Questi eterni giovani in un eterno presente in realtà stanno cercando tempo e spazio per crescere. Una dimensione ovattata e poco gentile nella periferia romana rallenta questo processo, fino ad accelerarlo bruscamente alla fine. Il film di Parroni s’incunea tra le pieghe di un cinema dai codici meno accessibili, ma che antepone lo sguardo alla scrittura come unico centro drammaturgico.
Il doppio binario semantico su cui gioca il titolo
Se a tema è una generazione e i suoi margini – intesi come confini che aprono e emarginano – Parroni sembra volerlo semplicemente mostrare. In questo senso, Una sterminata domenica è un’immersione estetica dentro la vita dei tre protagonisti. Le inquadrature, il montaggio e i giochi di luce (fotografia di Andrea Benjamin Manenti) sono elementi di sperimentazione e dominio nella pellicola, ma anche di congiunzione con un cinema ruvido, dallo stesso Wenders a Garrone.

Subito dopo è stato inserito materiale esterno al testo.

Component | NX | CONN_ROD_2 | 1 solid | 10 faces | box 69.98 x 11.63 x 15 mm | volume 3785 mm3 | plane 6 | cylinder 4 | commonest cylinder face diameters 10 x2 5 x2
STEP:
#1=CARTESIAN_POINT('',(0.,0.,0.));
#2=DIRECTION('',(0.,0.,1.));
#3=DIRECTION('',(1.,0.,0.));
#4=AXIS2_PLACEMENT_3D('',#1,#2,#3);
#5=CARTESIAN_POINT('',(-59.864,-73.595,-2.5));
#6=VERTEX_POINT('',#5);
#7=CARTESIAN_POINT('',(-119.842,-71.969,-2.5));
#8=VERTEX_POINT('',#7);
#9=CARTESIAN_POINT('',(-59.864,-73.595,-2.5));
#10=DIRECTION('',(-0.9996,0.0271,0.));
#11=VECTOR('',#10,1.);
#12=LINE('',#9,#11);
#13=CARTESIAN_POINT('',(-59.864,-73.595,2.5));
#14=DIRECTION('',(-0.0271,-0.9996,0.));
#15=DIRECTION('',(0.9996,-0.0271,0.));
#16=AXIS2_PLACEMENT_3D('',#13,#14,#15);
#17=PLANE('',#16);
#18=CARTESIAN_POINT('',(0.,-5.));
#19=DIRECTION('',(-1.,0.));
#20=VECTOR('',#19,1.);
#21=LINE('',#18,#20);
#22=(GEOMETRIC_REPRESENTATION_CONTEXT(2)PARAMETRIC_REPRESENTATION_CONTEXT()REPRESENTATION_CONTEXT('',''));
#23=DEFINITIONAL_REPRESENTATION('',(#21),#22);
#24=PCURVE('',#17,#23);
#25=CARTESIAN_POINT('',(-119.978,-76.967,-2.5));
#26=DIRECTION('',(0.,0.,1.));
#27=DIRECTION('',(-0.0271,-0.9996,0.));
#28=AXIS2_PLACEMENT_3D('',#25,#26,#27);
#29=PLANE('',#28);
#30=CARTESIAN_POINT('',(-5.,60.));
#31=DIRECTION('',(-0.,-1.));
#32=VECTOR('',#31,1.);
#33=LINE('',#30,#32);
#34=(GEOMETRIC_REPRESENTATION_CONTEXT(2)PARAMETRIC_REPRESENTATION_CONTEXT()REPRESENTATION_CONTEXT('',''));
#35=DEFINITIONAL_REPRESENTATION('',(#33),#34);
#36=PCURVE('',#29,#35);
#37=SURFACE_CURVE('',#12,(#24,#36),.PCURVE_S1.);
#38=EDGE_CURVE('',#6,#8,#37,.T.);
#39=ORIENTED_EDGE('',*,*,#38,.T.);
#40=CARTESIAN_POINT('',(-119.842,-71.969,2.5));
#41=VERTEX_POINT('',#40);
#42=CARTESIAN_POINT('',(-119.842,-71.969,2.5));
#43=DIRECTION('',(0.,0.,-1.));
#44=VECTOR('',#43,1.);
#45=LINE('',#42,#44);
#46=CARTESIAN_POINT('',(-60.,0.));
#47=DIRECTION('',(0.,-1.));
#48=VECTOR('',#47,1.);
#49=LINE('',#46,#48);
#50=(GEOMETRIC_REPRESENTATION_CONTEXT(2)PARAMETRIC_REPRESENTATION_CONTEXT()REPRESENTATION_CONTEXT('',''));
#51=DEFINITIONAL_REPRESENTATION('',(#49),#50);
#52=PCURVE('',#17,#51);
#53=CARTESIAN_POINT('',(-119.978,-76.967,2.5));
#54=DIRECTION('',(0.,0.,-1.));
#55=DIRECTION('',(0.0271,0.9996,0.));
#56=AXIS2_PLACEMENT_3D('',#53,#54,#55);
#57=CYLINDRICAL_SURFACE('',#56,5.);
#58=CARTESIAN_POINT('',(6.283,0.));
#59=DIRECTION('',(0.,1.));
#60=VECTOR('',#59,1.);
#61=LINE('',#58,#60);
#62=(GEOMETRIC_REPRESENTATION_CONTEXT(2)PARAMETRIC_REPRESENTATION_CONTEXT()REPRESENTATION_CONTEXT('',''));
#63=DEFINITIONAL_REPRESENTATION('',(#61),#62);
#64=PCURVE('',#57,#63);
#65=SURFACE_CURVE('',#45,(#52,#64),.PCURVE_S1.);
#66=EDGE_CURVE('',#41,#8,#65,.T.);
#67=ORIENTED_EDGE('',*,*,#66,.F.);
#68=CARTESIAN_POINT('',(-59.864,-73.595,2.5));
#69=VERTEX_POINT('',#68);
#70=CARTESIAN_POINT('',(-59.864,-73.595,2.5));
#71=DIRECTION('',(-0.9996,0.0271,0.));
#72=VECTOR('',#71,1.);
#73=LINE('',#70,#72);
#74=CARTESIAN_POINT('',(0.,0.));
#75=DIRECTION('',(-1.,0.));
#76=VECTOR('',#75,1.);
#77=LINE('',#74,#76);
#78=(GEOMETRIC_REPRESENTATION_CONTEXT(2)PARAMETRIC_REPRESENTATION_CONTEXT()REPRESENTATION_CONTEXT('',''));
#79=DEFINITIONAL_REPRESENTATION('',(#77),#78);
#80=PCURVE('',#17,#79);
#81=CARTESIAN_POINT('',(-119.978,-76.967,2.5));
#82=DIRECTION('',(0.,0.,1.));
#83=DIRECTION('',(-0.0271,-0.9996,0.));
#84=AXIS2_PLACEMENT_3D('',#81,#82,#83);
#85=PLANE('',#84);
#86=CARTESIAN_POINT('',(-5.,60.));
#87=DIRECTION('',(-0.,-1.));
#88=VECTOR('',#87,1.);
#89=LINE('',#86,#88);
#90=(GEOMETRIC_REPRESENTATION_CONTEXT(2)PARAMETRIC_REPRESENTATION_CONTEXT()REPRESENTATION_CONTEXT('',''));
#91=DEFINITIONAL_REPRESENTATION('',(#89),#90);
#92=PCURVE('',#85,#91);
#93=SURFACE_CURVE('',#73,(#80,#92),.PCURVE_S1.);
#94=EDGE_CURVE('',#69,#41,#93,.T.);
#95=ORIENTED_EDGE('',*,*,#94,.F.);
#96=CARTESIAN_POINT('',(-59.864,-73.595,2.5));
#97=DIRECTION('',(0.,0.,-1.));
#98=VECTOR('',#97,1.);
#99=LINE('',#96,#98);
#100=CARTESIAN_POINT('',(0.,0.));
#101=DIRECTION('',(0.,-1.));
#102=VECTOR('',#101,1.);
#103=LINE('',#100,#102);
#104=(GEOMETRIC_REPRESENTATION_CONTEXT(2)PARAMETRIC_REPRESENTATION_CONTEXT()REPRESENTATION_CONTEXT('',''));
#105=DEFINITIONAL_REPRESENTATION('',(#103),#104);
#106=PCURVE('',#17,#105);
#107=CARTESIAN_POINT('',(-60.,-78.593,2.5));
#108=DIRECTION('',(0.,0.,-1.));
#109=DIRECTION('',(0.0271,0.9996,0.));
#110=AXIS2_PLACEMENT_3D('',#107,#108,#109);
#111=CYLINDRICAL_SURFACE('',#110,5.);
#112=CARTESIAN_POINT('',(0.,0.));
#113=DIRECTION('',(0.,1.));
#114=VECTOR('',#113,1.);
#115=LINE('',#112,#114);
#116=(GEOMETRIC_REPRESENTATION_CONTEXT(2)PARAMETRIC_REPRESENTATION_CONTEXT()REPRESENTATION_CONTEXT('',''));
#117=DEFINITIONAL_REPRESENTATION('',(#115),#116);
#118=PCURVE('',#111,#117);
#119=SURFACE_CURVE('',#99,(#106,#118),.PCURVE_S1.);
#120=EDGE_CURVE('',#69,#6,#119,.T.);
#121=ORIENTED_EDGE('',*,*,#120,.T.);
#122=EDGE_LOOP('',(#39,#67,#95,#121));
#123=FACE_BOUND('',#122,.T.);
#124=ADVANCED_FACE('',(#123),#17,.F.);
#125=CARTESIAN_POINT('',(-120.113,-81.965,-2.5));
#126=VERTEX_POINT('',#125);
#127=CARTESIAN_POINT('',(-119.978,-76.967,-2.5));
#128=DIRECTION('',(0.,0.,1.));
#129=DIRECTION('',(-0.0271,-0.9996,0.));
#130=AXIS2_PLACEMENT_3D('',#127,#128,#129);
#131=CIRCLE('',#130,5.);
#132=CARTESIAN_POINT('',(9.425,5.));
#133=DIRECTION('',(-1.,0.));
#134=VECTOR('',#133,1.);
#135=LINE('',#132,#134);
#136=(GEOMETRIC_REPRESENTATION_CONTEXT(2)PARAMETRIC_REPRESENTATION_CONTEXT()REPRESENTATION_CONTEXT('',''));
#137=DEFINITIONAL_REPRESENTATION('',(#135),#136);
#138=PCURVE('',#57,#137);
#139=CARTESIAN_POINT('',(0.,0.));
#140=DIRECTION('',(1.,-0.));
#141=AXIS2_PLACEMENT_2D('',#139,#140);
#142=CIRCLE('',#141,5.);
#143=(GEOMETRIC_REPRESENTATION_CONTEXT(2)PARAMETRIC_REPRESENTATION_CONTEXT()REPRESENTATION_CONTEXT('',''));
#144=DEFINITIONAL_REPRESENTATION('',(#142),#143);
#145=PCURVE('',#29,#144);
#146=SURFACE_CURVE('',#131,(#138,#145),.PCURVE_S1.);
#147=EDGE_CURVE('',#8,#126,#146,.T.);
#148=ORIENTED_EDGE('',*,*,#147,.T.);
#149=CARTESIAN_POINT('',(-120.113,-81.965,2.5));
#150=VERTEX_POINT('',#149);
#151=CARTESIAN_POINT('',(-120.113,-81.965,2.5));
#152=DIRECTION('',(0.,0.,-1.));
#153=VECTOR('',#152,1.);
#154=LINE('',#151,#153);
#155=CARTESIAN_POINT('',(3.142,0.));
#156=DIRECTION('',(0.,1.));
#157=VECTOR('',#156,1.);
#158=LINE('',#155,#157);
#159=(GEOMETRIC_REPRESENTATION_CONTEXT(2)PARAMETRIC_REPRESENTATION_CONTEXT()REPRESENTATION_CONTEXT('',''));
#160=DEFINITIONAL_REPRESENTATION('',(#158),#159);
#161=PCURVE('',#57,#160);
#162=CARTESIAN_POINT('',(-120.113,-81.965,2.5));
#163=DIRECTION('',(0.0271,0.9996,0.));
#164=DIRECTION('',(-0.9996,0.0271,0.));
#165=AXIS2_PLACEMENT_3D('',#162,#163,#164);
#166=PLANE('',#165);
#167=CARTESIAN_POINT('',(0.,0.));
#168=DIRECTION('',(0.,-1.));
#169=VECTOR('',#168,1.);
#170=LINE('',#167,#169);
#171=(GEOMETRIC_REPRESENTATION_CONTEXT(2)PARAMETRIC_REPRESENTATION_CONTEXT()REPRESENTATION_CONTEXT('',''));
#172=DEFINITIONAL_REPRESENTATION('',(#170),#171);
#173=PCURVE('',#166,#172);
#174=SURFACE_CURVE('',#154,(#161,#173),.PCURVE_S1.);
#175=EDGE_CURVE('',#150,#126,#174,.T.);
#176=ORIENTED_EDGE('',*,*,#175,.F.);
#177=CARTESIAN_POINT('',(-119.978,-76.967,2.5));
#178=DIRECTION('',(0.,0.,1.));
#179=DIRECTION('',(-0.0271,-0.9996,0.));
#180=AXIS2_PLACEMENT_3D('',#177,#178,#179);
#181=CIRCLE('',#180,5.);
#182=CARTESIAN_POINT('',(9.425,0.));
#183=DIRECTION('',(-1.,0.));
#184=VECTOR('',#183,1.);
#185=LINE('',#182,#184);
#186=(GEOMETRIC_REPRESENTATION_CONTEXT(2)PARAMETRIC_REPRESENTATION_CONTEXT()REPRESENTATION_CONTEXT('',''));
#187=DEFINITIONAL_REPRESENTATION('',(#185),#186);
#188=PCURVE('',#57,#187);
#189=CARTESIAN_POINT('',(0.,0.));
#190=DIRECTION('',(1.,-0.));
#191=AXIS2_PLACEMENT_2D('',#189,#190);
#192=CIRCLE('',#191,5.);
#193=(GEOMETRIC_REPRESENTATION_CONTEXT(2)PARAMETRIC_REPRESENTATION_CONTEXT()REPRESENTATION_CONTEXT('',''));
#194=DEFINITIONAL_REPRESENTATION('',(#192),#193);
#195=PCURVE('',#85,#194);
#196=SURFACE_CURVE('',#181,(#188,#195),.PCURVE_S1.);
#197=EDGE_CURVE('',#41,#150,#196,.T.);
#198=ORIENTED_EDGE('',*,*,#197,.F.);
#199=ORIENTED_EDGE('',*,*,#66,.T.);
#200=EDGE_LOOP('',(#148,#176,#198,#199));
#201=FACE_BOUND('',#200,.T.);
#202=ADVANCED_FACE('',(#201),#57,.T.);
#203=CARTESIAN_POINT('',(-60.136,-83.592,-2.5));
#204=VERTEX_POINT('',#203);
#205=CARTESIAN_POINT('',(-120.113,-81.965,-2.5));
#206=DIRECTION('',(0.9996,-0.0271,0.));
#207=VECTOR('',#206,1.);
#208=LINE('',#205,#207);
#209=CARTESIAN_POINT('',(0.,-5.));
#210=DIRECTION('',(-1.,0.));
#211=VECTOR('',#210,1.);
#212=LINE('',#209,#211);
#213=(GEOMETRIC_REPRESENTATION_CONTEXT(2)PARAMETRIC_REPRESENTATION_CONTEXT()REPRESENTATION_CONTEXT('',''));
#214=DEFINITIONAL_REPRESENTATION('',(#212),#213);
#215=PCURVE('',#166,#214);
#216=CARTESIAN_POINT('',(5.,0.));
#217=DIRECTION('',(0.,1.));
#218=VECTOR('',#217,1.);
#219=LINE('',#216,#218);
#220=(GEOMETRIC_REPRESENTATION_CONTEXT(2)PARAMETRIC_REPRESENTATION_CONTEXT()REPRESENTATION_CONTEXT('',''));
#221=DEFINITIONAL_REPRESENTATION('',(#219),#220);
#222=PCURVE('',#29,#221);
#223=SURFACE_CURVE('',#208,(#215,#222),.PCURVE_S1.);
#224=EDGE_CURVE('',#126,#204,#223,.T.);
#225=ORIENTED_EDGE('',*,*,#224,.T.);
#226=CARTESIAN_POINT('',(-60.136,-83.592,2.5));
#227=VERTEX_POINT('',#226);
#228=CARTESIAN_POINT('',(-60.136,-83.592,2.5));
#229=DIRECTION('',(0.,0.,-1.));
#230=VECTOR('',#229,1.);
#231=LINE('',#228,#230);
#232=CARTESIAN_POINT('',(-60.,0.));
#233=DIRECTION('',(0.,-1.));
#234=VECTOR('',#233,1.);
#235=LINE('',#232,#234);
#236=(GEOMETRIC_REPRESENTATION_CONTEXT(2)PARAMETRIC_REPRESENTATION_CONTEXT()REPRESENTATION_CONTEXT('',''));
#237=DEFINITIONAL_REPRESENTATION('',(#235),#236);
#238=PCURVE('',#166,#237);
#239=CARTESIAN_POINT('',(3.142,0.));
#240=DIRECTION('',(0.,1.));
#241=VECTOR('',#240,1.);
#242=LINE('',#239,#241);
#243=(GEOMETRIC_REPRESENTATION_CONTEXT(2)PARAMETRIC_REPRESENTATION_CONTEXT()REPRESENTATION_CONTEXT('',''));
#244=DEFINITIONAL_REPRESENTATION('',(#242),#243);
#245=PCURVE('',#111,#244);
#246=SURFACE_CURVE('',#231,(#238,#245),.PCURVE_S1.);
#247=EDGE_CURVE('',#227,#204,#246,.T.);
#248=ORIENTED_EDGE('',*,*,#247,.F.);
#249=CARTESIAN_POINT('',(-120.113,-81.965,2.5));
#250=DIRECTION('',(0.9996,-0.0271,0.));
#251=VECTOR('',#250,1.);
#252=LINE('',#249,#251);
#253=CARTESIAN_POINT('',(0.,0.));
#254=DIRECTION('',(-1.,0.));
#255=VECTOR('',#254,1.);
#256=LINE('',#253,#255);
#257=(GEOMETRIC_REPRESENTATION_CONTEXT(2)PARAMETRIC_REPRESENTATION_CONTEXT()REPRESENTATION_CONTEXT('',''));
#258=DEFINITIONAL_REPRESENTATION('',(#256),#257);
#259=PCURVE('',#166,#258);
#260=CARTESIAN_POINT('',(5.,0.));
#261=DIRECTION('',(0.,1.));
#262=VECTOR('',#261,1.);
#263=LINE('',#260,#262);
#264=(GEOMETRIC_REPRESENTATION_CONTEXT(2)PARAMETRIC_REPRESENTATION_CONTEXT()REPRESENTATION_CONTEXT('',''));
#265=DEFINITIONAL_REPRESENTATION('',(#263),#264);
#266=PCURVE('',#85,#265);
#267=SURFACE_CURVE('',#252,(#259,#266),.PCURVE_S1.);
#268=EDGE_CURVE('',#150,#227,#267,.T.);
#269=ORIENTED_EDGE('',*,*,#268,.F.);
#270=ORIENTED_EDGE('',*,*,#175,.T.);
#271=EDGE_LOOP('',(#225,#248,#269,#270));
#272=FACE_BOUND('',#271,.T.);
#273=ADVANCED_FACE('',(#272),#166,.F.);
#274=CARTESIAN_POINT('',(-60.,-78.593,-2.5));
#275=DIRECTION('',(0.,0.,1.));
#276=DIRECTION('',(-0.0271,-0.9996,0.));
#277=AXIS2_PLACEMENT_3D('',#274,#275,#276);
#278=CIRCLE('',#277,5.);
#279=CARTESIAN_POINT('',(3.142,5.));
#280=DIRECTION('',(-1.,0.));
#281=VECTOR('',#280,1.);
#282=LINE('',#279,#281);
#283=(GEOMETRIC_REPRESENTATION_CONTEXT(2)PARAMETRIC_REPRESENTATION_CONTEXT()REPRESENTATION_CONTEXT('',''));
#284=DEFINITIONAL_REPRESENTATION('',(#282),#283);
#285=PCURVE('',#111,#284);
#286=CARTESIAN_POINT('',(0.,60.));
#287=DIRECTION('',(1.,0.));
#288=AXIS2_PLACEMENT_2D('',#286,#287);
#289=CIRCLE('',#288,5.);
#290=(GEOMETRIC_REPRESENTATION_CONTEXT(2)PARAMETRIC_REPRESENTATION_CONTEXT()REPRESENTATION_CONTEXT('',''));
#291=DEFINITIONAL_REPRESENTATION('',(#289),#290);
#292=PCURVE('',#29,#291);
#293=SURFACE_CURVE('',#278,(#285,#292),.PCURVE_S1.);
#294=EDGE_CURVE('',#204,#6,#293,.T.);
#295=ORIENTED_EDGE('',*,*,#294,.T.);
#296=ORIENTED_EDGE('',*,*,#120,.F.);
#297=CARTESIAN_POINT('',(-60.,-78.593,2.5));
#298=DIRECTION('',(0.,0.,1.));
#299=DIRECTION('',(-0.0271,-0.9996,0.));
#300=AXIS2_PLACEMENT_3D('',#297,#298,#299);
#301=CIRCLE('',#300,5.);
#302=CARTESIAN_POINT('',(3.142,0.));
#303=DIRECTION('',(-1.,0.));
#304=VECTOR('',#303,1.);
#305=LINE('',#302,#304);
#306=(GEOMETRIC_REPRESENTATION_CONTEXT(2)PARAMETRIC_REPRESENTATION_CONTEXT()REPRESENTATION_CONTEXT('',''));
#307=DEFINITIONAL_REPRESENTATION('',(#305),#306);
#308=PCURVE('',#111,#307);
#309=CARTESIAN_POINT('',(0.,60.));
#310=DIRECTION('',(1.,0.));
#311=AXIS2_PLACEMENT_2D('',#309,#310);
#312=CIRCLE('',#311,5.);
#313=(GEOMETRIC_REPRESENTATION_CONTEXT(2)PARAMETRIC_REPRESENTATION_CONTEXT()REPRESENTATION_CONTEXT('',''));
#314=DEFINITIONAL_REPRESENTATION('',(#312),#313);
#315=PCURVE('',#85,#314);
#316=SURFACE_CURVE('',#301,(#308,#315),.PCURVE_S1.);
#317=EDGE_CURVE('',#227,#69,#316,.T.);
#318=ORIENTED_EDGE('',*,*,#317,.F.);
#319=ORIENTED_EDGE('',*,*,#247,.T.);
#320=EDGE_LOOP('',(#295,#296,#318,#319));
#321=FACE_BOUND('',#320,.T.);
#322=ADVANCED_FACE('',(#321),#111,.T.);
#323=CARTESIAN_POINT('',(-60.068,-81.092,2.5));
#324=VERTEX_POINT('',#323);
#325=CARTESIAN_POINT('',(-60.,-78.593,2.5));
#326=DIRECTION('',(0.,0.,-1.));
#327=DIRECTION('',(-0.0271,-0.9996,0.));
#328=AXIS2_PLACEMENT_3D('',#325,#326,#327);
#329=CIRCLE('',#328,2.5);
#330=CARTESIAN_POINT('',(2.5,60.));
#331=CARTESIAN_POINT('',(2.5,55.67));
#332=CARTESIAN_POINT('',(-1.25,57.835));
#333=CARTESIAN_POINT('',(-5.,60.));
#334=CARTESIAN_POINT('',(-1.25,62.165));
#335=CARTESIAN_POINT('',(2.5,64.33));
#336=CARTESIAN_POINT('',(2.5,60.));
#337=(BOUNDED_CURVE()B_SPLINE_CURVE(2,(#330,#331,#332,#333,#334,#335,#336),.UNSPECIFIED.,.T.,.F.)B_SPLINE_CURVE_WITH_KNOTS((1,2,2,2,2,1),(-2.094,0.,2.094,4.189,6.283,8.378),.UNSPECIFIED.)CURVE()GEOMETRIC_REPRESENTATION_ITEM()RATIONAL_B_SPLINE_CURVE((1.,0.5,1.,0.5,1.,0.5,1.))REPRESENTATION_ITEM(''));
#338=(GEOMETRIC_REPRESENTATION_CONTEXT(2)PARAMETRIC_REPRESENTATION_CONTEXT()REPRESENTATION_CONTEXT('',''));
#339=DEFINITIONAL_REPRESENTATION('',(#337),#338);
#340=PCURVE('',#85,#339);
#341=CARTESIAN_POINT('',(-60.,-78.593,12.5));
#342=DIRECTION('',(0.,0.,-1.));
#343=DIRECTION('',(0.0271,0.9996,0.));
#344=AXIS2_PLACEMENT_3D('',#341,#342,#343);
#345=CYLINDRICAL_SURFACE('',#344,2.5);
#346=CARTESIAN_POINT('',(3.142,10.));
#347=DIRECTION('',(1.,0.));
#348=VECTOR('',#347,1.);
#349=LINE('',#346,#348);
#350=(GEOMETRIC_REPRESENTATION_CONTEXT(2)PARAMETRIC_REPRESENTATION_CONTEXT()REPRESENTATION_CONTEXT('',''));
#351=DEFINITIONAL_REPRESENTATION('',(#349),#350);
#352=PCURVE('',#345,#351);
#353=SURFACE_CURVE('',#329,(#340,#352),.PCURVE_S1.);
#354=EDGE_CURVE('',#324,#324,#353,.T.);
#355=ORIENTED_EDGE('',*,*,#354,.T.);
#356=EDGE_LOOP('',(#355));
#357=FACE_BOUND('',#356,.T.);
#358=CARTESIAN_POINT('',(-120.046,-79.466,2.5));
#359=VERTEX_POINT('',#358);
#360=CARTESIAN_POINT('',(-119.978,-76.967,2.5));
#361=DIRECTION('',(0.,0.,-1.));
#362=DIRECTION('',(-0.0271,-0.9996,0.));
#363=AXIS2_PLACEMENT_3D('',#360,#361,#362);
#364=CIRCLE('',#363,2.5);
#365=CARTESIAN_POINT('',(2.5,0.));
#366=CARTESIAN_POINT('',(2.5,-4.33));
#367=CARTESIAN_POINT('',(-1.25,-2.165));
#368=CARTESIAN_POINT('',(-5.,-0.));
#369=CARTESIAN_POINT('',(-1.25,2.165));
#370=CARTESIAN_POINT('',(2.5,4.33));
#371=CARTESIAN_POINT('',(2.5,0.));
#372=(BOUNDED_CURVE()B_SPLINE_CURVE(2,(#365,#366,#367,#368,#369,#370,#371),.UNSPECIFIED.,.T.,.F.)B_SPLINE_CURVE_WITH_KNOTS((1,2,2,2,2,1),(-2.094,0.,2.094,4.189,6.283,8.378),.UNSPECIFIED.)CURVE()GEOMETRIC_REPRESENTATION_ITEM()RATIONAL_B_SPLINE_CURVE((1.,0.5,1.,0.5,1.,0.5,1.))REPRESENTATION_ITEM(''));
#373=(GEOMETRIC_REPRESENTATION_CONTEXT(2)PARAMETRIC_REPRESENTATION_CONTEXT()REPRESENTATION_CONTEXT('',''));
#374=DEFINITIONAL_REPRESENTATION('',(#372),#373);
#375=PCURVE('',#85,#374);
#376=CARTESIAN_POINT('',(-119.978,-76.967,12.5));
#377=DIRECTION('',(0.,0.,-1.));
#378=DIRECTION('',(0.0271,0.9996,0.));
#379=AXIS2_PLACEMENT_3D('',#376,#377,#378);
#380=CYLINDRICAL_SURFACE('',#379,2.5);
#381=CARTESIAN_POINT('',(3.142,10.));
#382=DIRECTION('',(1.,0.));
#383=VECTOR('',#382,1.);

Se l’estetica è il punto di vista privilegiato da cui narrare quanto accade nel film, il rischio è l’esaltazione edonica degli aspetti che contraddistinguono maggiormente la generazione oggetto del lungometraggio. Già nel titolo, Una sterminata domenica pare giocare su questo doppo binario semantico. Da una parte, i protagonisti stressano il tempo, che smette di esistere per coincidere esclusivamente con il qui e ora. La pellicola dunque eccede, creando nello spettatore l’illusione che ci sia bellezza nell’oggetto del racconto. L’estetica del lungometraggio agisce così sull’audience, permeandone il nodo centrale e “tradendo” la volontà, a monte percepibile nelle intenzioni del cineasta, di sospendere il giudizio nel raccontare la storia. L’attribuzione di positività si disperde nella fase finale del film, lasciando spazio alla disperazione come altro senso intrinseco nell’aggettivo “sterminata”.
Nonostante i presunti tentativi di astensione sentenziale, nel suo epilogo la pellicola mostra tutta la sua potenza visiva e narrativa. E lo fa nell’escalation di dramma in cui appare forte e feroce l’etica del racconto, impossibile da celare se si pensa all’oggetto/soggetto della storia. E va bene così. È quando arriva questo “smacco”, questa piccola grande crepa nell’intenzioni del regista, che il film va a segno. Perché credere in qualcosa è impegnativo, ma anche fare in modo che lo spettatore lo senta.